Koronawirus to znak od Boga. Naród znalazł winowajcę
Bóg musi mieć czarne poczucie humoru, skoro wysyła ludzkości takie sygnały. Badania wskazują, że ponad połowa wierzących Amerykanów uważa, że pandemia COVID-19 to znak od Boga.
W ankiecie brało udział ponad tysiąc dorosłych przedstawicieli różnych ras. Najwięcej osób, które uważa pandemię za karę boską, jest wśród Afroamerykanów – 73 proc. Na drugim miejscu byli wierni pochodzenia latynoskiego – 65 proc. Z kolei białych wyznawców tej teorii było 48 proc.
SPRAWDŹ: Koronawirus to kara za grzechy. Kogoś chyba poniosło
SPRAWDŹ: Koronawirus to kara za grzechy. Kogoś chyba poniosło
Większość zwolenników poglądu o takiej boskiej ingerencji to jednak optymiści. Aż 55 procent badanych wierzy, że Bóg ochroni ich przed zakażeniem koronawirusem. Są jednak tacy, którzy nie widzą już żadnej nadziei. 9 proc. wiernych uważa, że Wszechmogący porzucił ludzkość.
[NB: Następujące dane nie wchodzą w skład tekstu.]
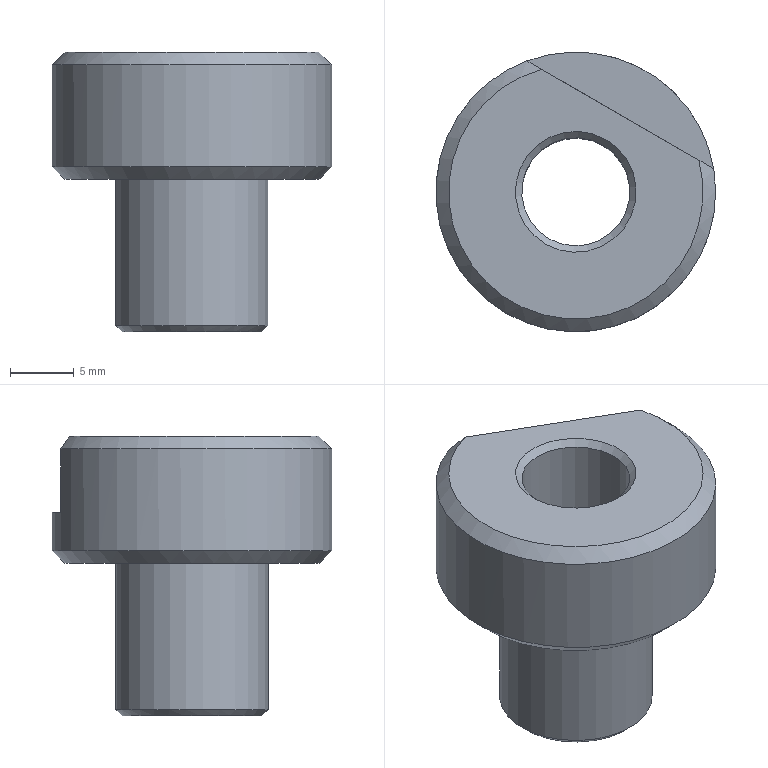Component | NX | DRILL_BUSH_5 | 1 solid | 13 faces | box 22 x 22 x 22 mm | volume 3557 mm3 | plane 5 | cone 5 | cylinder 3 | commonest cylinder face diameters 12 x1 22 x1 8.5 x1
STEP:
#1=CARTESIAN_POINT('',(0.,0.,0.));
#2=DIRECTION('',(0.,0.,1.));
#3=DIRECTION('',(1.,0.,0.));
#4=AXIS2_PLACEMENT_3D('',#1,#2,#3);
#5=CARTESIAN_POINT('',(-32.75,-56.725,158.));
#6=VERTEX_POINT('',#5);
#7=CARTESIAN_POINT('',(-30.,-51.962,158.));
#8=DIRECTION('',(0.,0.,-1.));
#9=DIRECTION('',(-0.5,-0.866,0.));
#10=AXIS2_PLACEMENT_3D('',#7,#8,#9);
#11=CIRCLE('',#10,5.5);
#12=CARTESIAN_POINT('',(-30.,-51.962,158.));
#13=DIRECTION('',(0.,0.,-1.));
#14=DIRECTION('',(-0.5,-0.866,0.));
#15=AXIS2_PLACEMENT_3D('',#12,#13,#14);
#16=PLANE('',#15);
#17=CARTESIAN_POINT('',(0.,0.));
#18=DIRECTION('',(1.,0.));
#19=AXIS2_PLACEMENT_2D('',#17,#18);
#20=CIRCLE('',#19,5.5);
#21=(GEOMETRIC_REPRESENTATION_CONTEXT(2)PARAMETRIC_REPRESENTATION_CONTEXT()REPRESENTATION_CONTEXT('',''));
#22=DEFINITIONAL_REPRESENTATION('',(#20),#21);
#23=PCURVE('',#16,#22);
#24=CARTESIAN_POINT('',(-30.,-51.962,158.5));
#25=DIRECTION('',(0.,0.,1.));
#26=DIRECTION('',(0.5,0.866,0.));
#27=AXIS2_PLACEMENT_3D('',#24,#25,#26);
#28=CONICAL_SURFACE('',#27,6.,0.7854);
#29=CARTESIAN_POINT('',(9.425,-0.5));
#30=DIRECTION('',(-1.,0.));
#31=VECTOR('',#30,1.);
#32=LINE('',#29,#31);
#33=(GEOMETRIC_REPRESENTATION_CONTEXT(2)PARAMETRIC_REPRESENTATION_CONTEXT()REPRESENTATION_CONTEXT('',''));
#34=DEFINITIONAL_REPRESENTATION('',(#32),#33);
#35=PCURVE('',#28,#34);
#36=SURFACE_CURVE('',#11,(#23,#35),.PCURVE_S1.);
#37=EDGE_CURVE('',#6,#6,#36,.T.);
#38=ORIENTED_EDGE('',*,*,#37,.T.);
#39=EDGE_LOOP('',(#38));
#40=FACE_BOUND('',#39,.T.);
#41=CARTESIAN_POINT('',(-32.375,-56.075,158.));
#42=VERTEX_POINT('',#41);
#43=CARTESIAN_POINT('',(-30.,-51.962,158.));
#44=DIRECTION('',(0.,0.,1.));
#45=DIRECTION('',(-0.5,-0.866,0.));
#46=AXIS2_PLACEMENT_3D('',#43,#44,#45);
#47=CIRCLE('',#46,4.75);
#48=CARTESIAN_POINT('',(4.75,0.));
#49=CARTESIAN_POINT('',(4.75,-8.227));
#50=CARTESIAN_POINT('',(-2.375,-4.114));
#51=CARTESIAN_POINT('',(-9.5,-0.));
#52=CARTESIAN_POINT('',(-2.375,4.114));
#53=CARTESIAN_POINT('',(4.75,8.227));
#54=CARTESIAN_POINT('',(4.75,0.));
#55=(BOUNDED_CURVE()B_SPLINE_CURVE(2,(#48,#49,#50,#51,#52,#53,#54),.UNSPECIFIED.,.T.,.F.)B_SPLINE_CURVE_WITH_KNOTS((1,2,2,2,2,1),(-2.094,0.,2.094,4.189,6.283,8.378),.UNSPECIFIED.)CURVE()GEOMETRIC_REPRESENTATION_ITEM()RATIONAL_B_SPLINE_CURVE((1.,0.5,1.,0.5,1.,0.5,1.))REPRESENTATION_ITEM(''));
#56=(GEOMETRIC_REPRESENTATION_CONTEXT(2)PARAMETRIC_REPRESENTATION_CONTEXT()REPRESENTATION_CONTEXT('',''));
#57=DEFINITIONAL_REPRESENTATION('',(#55),#56);
#58=PCURVE('',#16,#57);
#59=CARTESIAN_POINT('',(-30.,-51.962,158.5));
#60=DIRECTION('',(0.,0.,-1.));
#61=DIRECTION('',(-0.5,-0.866,0.));
#62=AXIS2_PLACEMENT_3D('',#59,#60,#61);
#63=CONICAL_SURFACE('',#62,4.25,0.7854);
#64=CARTESIAN_POINT('',(6.283,0.5));
#65=DIRECTION('',(-1.,0.));
#66=VECTOR('',#65,1.);
#67=LINE('',#64,#66);
#68=(GEOMETRIC_REPRESENTATION_CONTEXT(2)PARAMETRIC_REPRESENTATION_CONTEXT()REPRESENTATION_CONTEXT('',''));
#69=DEFINITIONAL_REPRESENTATION('',(#67),#68);
#70=PCURVE('',#63,#69);
#71=SURFACE_CURVE('',#47,(#58,#70),.PCURVE_S1.);
#72=EDGE_CURVE('',#42,#42,#71,.T.);
#73=ORIENTED_EDGE('',*,*,#72,.T.);
#74=EDGE_LOOP('',(#73));
#75=FACE_BOUND('',#74,.T.);
#76=ADVANCED_FACE('',(#40,#75),#16,.T.);
#77=CARTESIAN_POINT('',(-33.,-57.158,158.5));
#78=VERTEX_POINT('',#77);
#79=CARTESIAN_POINT('',(-30.,-51.962,158.5));
#80=DIRECTION('',(0.,0.,1.));
#81=DIRECTION('',(-0.5,-0.866,0.));
#82=AXIS2_PLACEMENT_3D('',#79,#80,#81);
#83=CIRCLE('',#82,6.);
#84=CARTESIAN_POINT('',(-30.,-51.962,158.));
#85=DIRECTION('',(0.,0.,1.));
#86=DIRECTION('',(0.5,0.866,0.));
#87=AXIS2_PLACEMENT_3D('',#84,#85,#86);
#88=CYLINDRICAL_SURFACE('',#87,6.);
#89=CARTESIAN_POINT('',(3.142,0.5));
#90=DIRECTION('',(1.,0.));
#91=VECTOR('',#90,1.);
#92=LINE('',#89,#91);
#93=(GEOMETRIC_REPRESENTATION_CONTEXT(2)PARAMETRIC_REPRESENTATION_CONTEXT()REPRESENTATION_CONTEXT('',''));
#94=DEFINITIONAL_REPRESENTATION('',(#92),#93);
#95=PCURVE('',#88,#94);
#96=CARTESIAN_POINT('',(3.142,-0.));
#97=DIRECTION('',(1.,0.));
#98=VECTOR('',#97,1.);
#99=LINE('',#96,#98);
#100=(GEOMETRIC_REPRESENTATION_CONTEXT(2)PARAMETRIC_REPRESENTATION_CONTEXT()REPRESENTATION_CONTEXT('',''));
#101=DEFINITIONAL_REPRESENTATION('',(#99),#100);
#102=PCURVE('',#28,#101);
#103=SURFACE_CURVE('',#83,(#95,#102),.PCURVE_S1.);
#104=EDGE_CURVE('',#78,#78,#103,.T.);
#105=ORIENTED_EDGE('',*,*,#104,.T.);
#106=CARTESIAN_POINT('',(-33.,-57.158,170.));
#107=VERTEX_POINT('',#106);
#108=CARTESIAN_POINT('',(-33.,-57.158,158.5));
#109=CARTESIAN_POINT('',(-33.,-57.158,170.));
#110=B_SPLINE_CURVE_WITH_KNOTS('',1,(#108,#109),.UNSPECIFIED.,.F.,.F.,(2,2),(0.5,12.),.PIECEWISE_BEZIER_KNOTS.);
#111=CARTESIAN_POINT('',(9.425,0.));
#112=DIRECTION('',(0.,1.));
#113=VECTOR('',#112,1.);
#114=LINE('',#111,#113);
#115=(GEOMETRIC_REPRESENTATION_CONTEXT(2)PARAMETRIC_REPRESENTATION_CONTEXT()REPRESENTATION_CONTEXT('',''));
#116=DEFINITIONAL_REPRESENTATION('',(#114),#115);
#117=PCURVE('',#88,#116);
#118=CARTESIAN_POINT('',(3.142,0.));
#119=DIRECTION('',(0.,1.));
#120=VECTOR('',#119,1.);
#121=LINE('',#118,#120);
#122=(GEOMETRIC_REPRESENTATION_CONTEXT(2)PARAMETRIC_REPRESENTATION_CONTEXT()REPRESENTATION_CONTEXT('',''));
#123=DEFINITIONAL_REPRESENTATION('',(#121),#122);
#124=PCURVE('',#88,#123);
#125=SEAM_CURVE('',#110,(#117,#124),.PCURVE_S1.);
#126=EDGE_CURVE('',#78,#107,#125,.T.);
#127=ORIENTED_EDGE('',*,*,#126,.T.);
#128=CARTESIAN_POINT('',(-30.,-51.962,170.));
#129=DIRECTION('',(0.,0.,1.));
#130=DIRECTION('',(-0.5,-0.866,0.));
#131=AXIS2_PLACEMENT_3D('',#128,#129,#130);
#132=CIRCLE('',#131,6.);
#133=CARTESIAN_POINT('',(3.142,12.));
#134=DIRECTION('',(1.,0.));
#135=VECTOR('',#134,1.);
#136=LINE('',#133,#135);
#137=(GEOMETRIC_REPRESENTATION_CONTEXT(2)PARAMETRIC_REPRESENTATION_CONTEXT()REPRESENTATION_CONTEXT('',''));
#138=DEFINITIONAL_REPRESENTATION('',(#136),#137);
#139=PCURVE('',#88,#138);
#140=CARTESIAN_POINT('',(-30.,-51.962,170.));
#141=DIRECTION('',(0.,0.,-1.));
#142=DIRECTION('',(-0.5,-0.866,0.));
#143=AXIS2_PLACEMENT_3D('',#140,#141,#142);
#144=PLANE('',#143);
#145=CARTESIAN_POINT('',(6.,0.));
#146=CARTESIAN_POINT('',(6.,-10.392));
#147=CARTESIAN_POINT('',(-3.,-5.196));
#148=CARTESIAN_POINT('',(-12.,-0.));
#149=CARTESIAN_POINT('',(-3.,5.196));
#150=CARTESIAN_POINT('',(6.,10.392));
#151=CARTESIAN_POINT('',(6.,0.));
#152=(BOUNDED_CURVE()B_SPLINE_CURVE(2,(#145,#146,#147,#148,#149,#150,#151),.UNSPECIFIED.,.T.,.F.)B_SPLINE_CURVE_WITH_KNOTS((1,2,2,2,2,1),(-2.094,0.,2.094,4.189,6.283,8.378),.UNSPECIFIED.)CURVE()GEOMETRIC_REPRESENTATION_ITEM()RATIONAL_B_SPLINE_CURVE((1.,0.5,1.,0.5,1.,0.5,1.))REPRESENTATION_ITEM(''));
#153=(GEOMETRIC_REPRESENTATION_CONTEXT(2)PARAMETRIC_REPRESENTATION_CONTEXT()REPRESENTATION_CONTEXT('',''));
#154=DEFINITIONAL_REPRESENTATION('',(#152),#153);
#155=PCURVE('',#144,#154);
#156=SURFACE_CURVE('',#132,(#139,#155),.PCURVE_S1.);
#157=EDGE_CURVE('',#107,#107,#156,.T.);
#158=ORIENTED_EDGE('',*,*,#157,.F.);
#159=ORIENTED_EDGE('',*,*,#126,.F.);
#160=EDGE_LOOP('',(#105,#127,#158,#159));
#161=FACE_BOUND('',#160,.T.);
#162=ADVANCED_FACE('',(#161),#88,.T.);
#163=CARTESIAN_POINT('',(-27.625,-47.848,180.));
#164=VERTEX_POINT('',#163);
#165=CARTESIAN_POINT('',(-30.,-51.962,180.));
#166=DIRECTION('',(0.,0.,-1.));
#167=DIRECTION('',(0.5,0.866,0.));
#168=AXIS2_PLACEMENT_3D('',#165,#166,#167);
#169=CIRCLE('',#168,4.75);
#170=CARTESIAN_POINT('',(-30.,-51.962,180.));
#171=DIRECTION('',(0.,0.,1.));
#172=DIRECTION('',(0.5,0.866,0.));
#173=AXIS2_PLACEMENT_3D('',#170,#171,#172);
#174=PLANE('',#173);
#175=CARTESIAN_POINT('',(4.75,0.));
#176=CARTESIAN_POINT('',(4.75,-8.227));
#177=CARTESIAN_POINT('',(-2.375,-4.114));
#178=CARTESIAN_POINT('',(-9.5,-0.));
#179=CARTESIAN_POINT('',(-2.375,4.114));
#180=CARTESIAN_POINT('',(4.75,8.227));
#181=CARTESIAN_POINT('',(4.75,0.));
#182=(BOUNDED_CURVE()B_SPLINE_CURVE(2,(#175,#176,#177,#178,#179,#180,#181),.UNSPECIFIED.,.T.,.F.)B_SPLINE_CURVE_WITH_KNOTS((1,2,2,2,2,1),(-2.094,0.,2.094,4.189,6.283,8.378),.UNSPECIFIED.)CURVE()GEOMETRIC_REPRESENTATION_ITEM()RATIONAL_B_SPLINE_CURVE((1.,0.5,1.,0.5,1.,0.5,1.))REPRESENTATION_ITEM(''));
#183=(GEOMETRIC_REPRESENTATION_CONTEXT(2)PARAMETRIC_REPRESENTATION_CONTEXT()REPRESENTATION_CONTEXT('',''));
#184=DEFINITIONAL_REPRESENTATION('',(#182),#183);
#185=PCURVE('',#174,#184);
#186=CARTESIAN_POINT('',(-30.,-51.962,180.));
#187=DIRECTION('',(0.,0.,1.));
#188=DIRECTION('',(0.5,0.866,0.));
#189=AXIS2_PLACEMENT_3D('',#186,#187,#188);
#190=CONICAL_SURFACE('',#189,4.75,0.7854);
#191=CARTESIAN_POINT('',(6.283,0.));
#192=DIRECTION('',(-1.,0.));
#193=VECTOR('',#192,1.);
#194=LINE('',#191,#193);
#195=(GEOMETRIC_REPRESENTATION_CONTEXT(2)PARAMETRIC_REPRESENTATION_CONTEXT()REPRESENTATION_CONTEXT('',''));
#196=DEFINITIONAL_REPRESENTATION('',(#194),#195);
#197=PCURVE('',#190,#196);
#198=SURFACE_CURVE('',#169,(#185,#197),.PCURVE_S1.);
#199=EDGE_CURVE('',#164,#164,#198,.T.);
#200=ORIENTED_EDGE('',*,*,#199,.T.);
#201=EDGE_LOOP('',(#200));
#202=FACE_BOUND('',#201,.T.);
#203=CARTESIAN_POINT('',(-32.685,-42.329,180.));
#204=VERTEX_POINT('',#203);
#205=CARTESIAN_POINT('',(-20.315,-49.47,180.));
#206=VERTEX_POINT('',#205);
#207=CARTESIAN_POINT('',(-37.758,-39.399,180.));
#208=DIRECTION('',(0.866,-0.5,0.));
#209=VECTOR('',#208,1.);
#210=LINE('',#207,#209);
#211=CARTESIAN_POINT('',(7.,13.));
#212=DIRECTION('',(0.,-1.));
#213=VECTOR('',#212,1.);
#214=LINE('',#211,#213);
#215=(GEOMETRIC_REPRESENTATION_CONTEXT(2)PARAMETRIC_REPRESENTATION_CONTEXT()REPRESENTATION_CONTEXT('',''));
#216=DEFINITIONAL_REPRESENTATION('',(#214),#215);
#217=PCURVE('',#174,#216);
#218=CARTESIAN_POINT('',(-37.758,-39.399,174.));
#219=DIRECTION('',(-0.5,-0.866,0.));
#220=DIRECTION('',(0.866,-0.5,0.));
#221=AXIS2_PLACEMENT_3D('',#218,#219,#220);
#222=PLANE('',#221);
#223=CARTESIAN_POINT('',(0.,6.));
#224=DIRECTION('',(1.,0.));
#225=VECTOR('',#224,1.);
#226=LINE('',#223,#225);
#227=(GEOMETRIC_REPRESENTATION_CONTEXT(2)PARAMETRIC_REPRESENTATION_CONTEXT()REPRESENTATION_CONTEXT('',''));
#228=DEFINITIONAL_REPRESENTATION('',(#226),#227);
#229=PCURVE('',#222,#228);
#230=SURFACE_CURVE('',#210,(#217,#229),.PCURVE_S1.);
#231=EDGE_CURVE('',#204,#206,#230,.T.);
#232=ORIENTED_EDGE('',*,*,#231,.F.);
#233=CARTESIAN_POINT('',(-30.,-51.962,180.));
#234=DIRECTION('',(0.,0.,1.));
#235=DIRECTION('',(0.5,0.866,0.));
#236=AXIS2_PLACEMENT_3D('',#233,#234,#235);
#237=CIRCLE('',#236,10.);
#238=CARTESIAN_POINT('',(0.,0.));
#239=DIRECTION('',(1.,0.));
#240=AXIS2_PLACEMENT_2D('',#238,#239);
#241=CIRCLE('',#240,10.);
#242=(GEOMETRIC_REPRESENTATION_CONTEXT(2)PARAMETRIC_REPRESENTATION_CONTEXT()REPRESENTATION_CONTEXT('',''));
#243=DEFINITIONAL_REPRESENTATION('',(#241),#242);
#244=PCURVE('',#174,#243);
#245=CARTESIAN_POINT('',(-30.,-51.962,179.));
#246=DIRECTION('',(0.,0.,-1.));
#247=DIRECTION('',(-0.5,-0.866,0.));
#248=AXIS2_PLACEMENT_3D('',#245,#246,#247);
#249=CONICAL_SURFACE('',#248,11.,0.7854);
#250=CARTESIAN_POINT('',(3.142,-1.));
#251=DIRECTION('',(-1.,0.));
#252=VECTOR('',#251,1.);
#253=LINE('',#250,#252);
#254=(GEOMETRIC_REPRESENTATION_CONTEXT(2)PARAMETRIC_REPRESENTATION_CONTEXT()REPRESENTATION_CONTEXT('',''));
#255=DEFINITIONAL_REPRESENTATION('',(#253),#254);
#256=PCURVE('',#249,#255);
#257=SURFACE_CURVE('',#237,(#244,#256),.PCURVE_S1.);
#258=EDGE_CURVE('',#204,#206,#257,.T.);
#259=ORIENTED_EDGE('',*,*,#258,.T.);
#260=EDGE_LOOP('',(#232,#259));
#261=FACE_BOUND('',#260,.T.);
#262=ADVANCED_FACE('',(#202,#261),#174,.T.);
#263=CARTESIAN_POINT('',(-35.,-60.622,170.));
#264=VERTEX_POINT('',#263);
#265=CARTESIAN_POINT('',(-30.,-51.962,170.));
#266=DIRECTION('',(0.,0.,-1.));
#267=DIRECTION('',(-0.5,-0.866,0.));
#268=AXIS2_PLACEMENT_3D('',#265,#266,#267);
#269=CIRCLE('',#268,10.);
#270=CARTESIAN_POINT('',(0.,0.));
#271=DIRECTION('',(1.,0.));
#272=AXIS2_PLACEMENT_2D('',#270,#271);
#273=CIRCLE('',#272,10.);
#274=(GEOMETRIC_REPRESENTATION_CONTEXT(2)PARAMETRIC_REPRESENTATION_CONTEXT()REPRESENTATION_CONTEXT('',''));
#275=DEFINITIONAL_REPRESENTATION('',(#273),#274);
#276=PCURVE('',#144,#275);
#277=CARTESIAN_POINT('',(-30.,-51.962,171.));
#278=DIRECTION('',(0.,0.,1.));
#279=DIRECTION('',(0.5,0.866,0.));
#280=AXIS2_PLACEMENT_3D('',#277,#278,#279);
#281=CONICAL_SURFACE('',#280,11.,0.7854);
#282=CARTESIAN_POINT('',(9.425,-1.));
#283=DIRECTION('',(-1.,0.));
#284=VECTOR('',#283,1.);
#285=LINE('',#282,#284);
#286=(GEOMETRIC_REPRESENTATION_CONTEXT(2)PARAMETRIC_REPRESENTATION_CONTEXT()REPRESENTATION_CONTEXT('',''));
#287=DEFINITIONAL_REPRESENTATION('',(#285),#286);
#288=PCURVE('',#281,#287);
#289=SURFACE_CURVE('',#269,(#276,#288),.PCURVE_S1.);
#290=EDGE_CURVE('',#264,#264,#289,.T.);
#291=ORIENTED_EDGE('',*,*,#290,.T.);
#292=EDGE_LOOP('',(#291));
#293=FACE_BOUND('',#292,.T.);
#294=ORIENTED_EDGE('',*,*,#157,.T.);
#295=EDGE_LOOP('',(#294));
#296=FACE_BOUND('',#295,.T.);
#297=ADVANCED_FACE('',(#293,#296),#144,.T.);
#298=CARTESIAN_POINT('',(-35.5,-61.488,171.));
#299=VERTEX_POINT('',#298);
#300=CARTESIAN_POINT('',(-19.152,-50.142,171.));
#301=VERTEX_POINT('',#300);
#302=CARTESIAN_POINT('',(-30.,-51.962,171.));
#303=DIRECTION('',(0.,0.,1.));
#304=DIRECTION('',(-0.5,-0.866,0.));
#305=AXIS2_PLACEMENT_3D('',#302,#303,#304);
#306=CIRCLE('',#305,11.);
#307=CARTESIAN_POINT('',(-30.,-51.962,170.));
#308=DIRECTION('',(0.,0.,1.));
#309=DIRECTION('',(0.5,0.866,0.));
#310=AXIS2_PLACEMENT_3D('',#307,#308,#309);
#311=CYLINDRICAL_SURFACE('',#310,11.);
#312=CARTESIAN_POINT('',(9.425,1.));
#313=DIRECTION('',(1.,0.));
#314=VECTOR('',#313,1.);
#315=LINE('',#312,#314);
#316=(GEOMETRIC_REPRESENTATION_CONTEXT(2)PARAMETRIC_REPRESENTATION_CONTEXT()REPRESENTATION_CONTEXT('',''));
#317=DEFINITIONAL_REPRESENTATION('',(#315),#316);
#318=PCURVE('',#311,#317);
#319=CARTESIAN_POINT('',(3.142,-0.));
#320=DIRECTION('',(1.,0.));
#321=VECTOR('',#320,1.);
#322=LINE('',#319,#321);
#323=(GEOMETRIC_REPRESENTATION_CONTEXT(2)PARAMETRIC_REPRESENTATION_CONTEXT()REPRESENTATION_CONTEXT('',''));
#324=DEFINITIONAL_REPRESENTATION('',(#322),#323);
#325=PCURVE('',#281,#324);
#326=SURFACE_CURVE('',#306,(#318,#325),.PCURVE_S1.);
#327=EDGE_CURVE('',#299,#301,#326,.T.);
#328=ORIENTED_EDGE('',*,*,#327,.T.);
#329=CARTESIAN_POINT('',(-19.152,-50.142,174.));
#330=VERTEX_POINT('',#329);
#331=CARTESIAN_POINT('',(-19.152,-50.142,171.));
#332=CARTESIAN_POINT('',(-19.152,-50.142,174.));
#333=B_SPLINE_CURVE_WITH_KNOTS('',1,(#331,#332),.UNSPECIFIED.,.F.,.F.,(2,2),(1.,4.),.PIECEWISE_BEZIER_KNOTS.);
#334=CARTESIAN_POINT('',(11.685,0.));
#335=DIRECTION('',(0.,1.));
#336=VECTOR('',#335,1.);
#337=LINE('',#334,#336);
#338=(GEOMETRIC_REPRESENTATION_CONTEXT(2)PARAMETRIC_REPRESENTATION_CONTEXT()REPRESENTATION_CONTEXT('',''));
#339=DEFINITIONAL_REPRESENTATION('',(#337),#338);
#340=PCURVE('',#311,#339);
#341=CARTESIAN_POINT('',(5.402,0.));
#342=DIRECTION('',(0.,1.));
#343=VECTOR('',#342,1.);
#344=LINE('',#341,#343);
#345=(GEOMETRIC_REPRESENTATION_CONTEXT(2)PARAMETRIC_REPRESENTATION_CONTEXT()REPRESENTATION_CONTEXT('',''));
#346=DEFINITIONAL_REPRESENTATION('',(#344),#345);
#347=PCURVE('',#311,#346);
#348=SEAM_CURVE('',#333,(#340,#347),.PCURVE_S1.);
#349=EDGE_CURVE('',#301,#330,#348,.T.);
#350=ORIENTED_EDGE('',*,*,#349,.T.);
#351=CARTESIAN_POINT('',(-19.152,-50.142,179.));
#352=VERTEX_POINT('',#351);
#353=CARTESIAN_POINT('',(-19.152,-50.142,170.));
#354=DIRECTION('',(0.,0.,-1.));
#355=VECTOR('',#354,1.);
#356=LINE('',#353,#355);
#357=CARTESIAN_POINT('',(11.685,0.));
#358=DIRECTION('',(0.,-1.));
#359=VECTOR('',#358,1.);
#360=LINE('',#357,#359);
#361=(GEOMETRIC_REPRESENTATION_CONTEXT(2)PARAMETRIC_REPRESENTATION_CONTEXT()REPRESENTATION_CONTEXT('',''));
#362=DEFINITIONAL_REPRESENTATION('',(#360),#361);
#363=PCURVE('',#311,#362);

Co ciekawe w obliczu pandemii Amerykanie coraz mniej angażują się we wspieranie Kościoła. W tym roku datki na rzecz organizacji religijnych przekazało 38 proc. obywateli, przy czym w zeszłym roku było to 53 proc.
Jak widać, ludzkość chętnie winą za koronawirusa obarcza niewidzialne moce. Bóg to kolejny oskarżony, po technologii 5G, którego nie sposób dostrzec gołym okiem. Oby tylko wyznawcy nowej teorii nie poszli w ślady ruchu ANTY-5G, który konsekwentnie podpala maszty i nadajniki odpowiedzialne za nową sieć.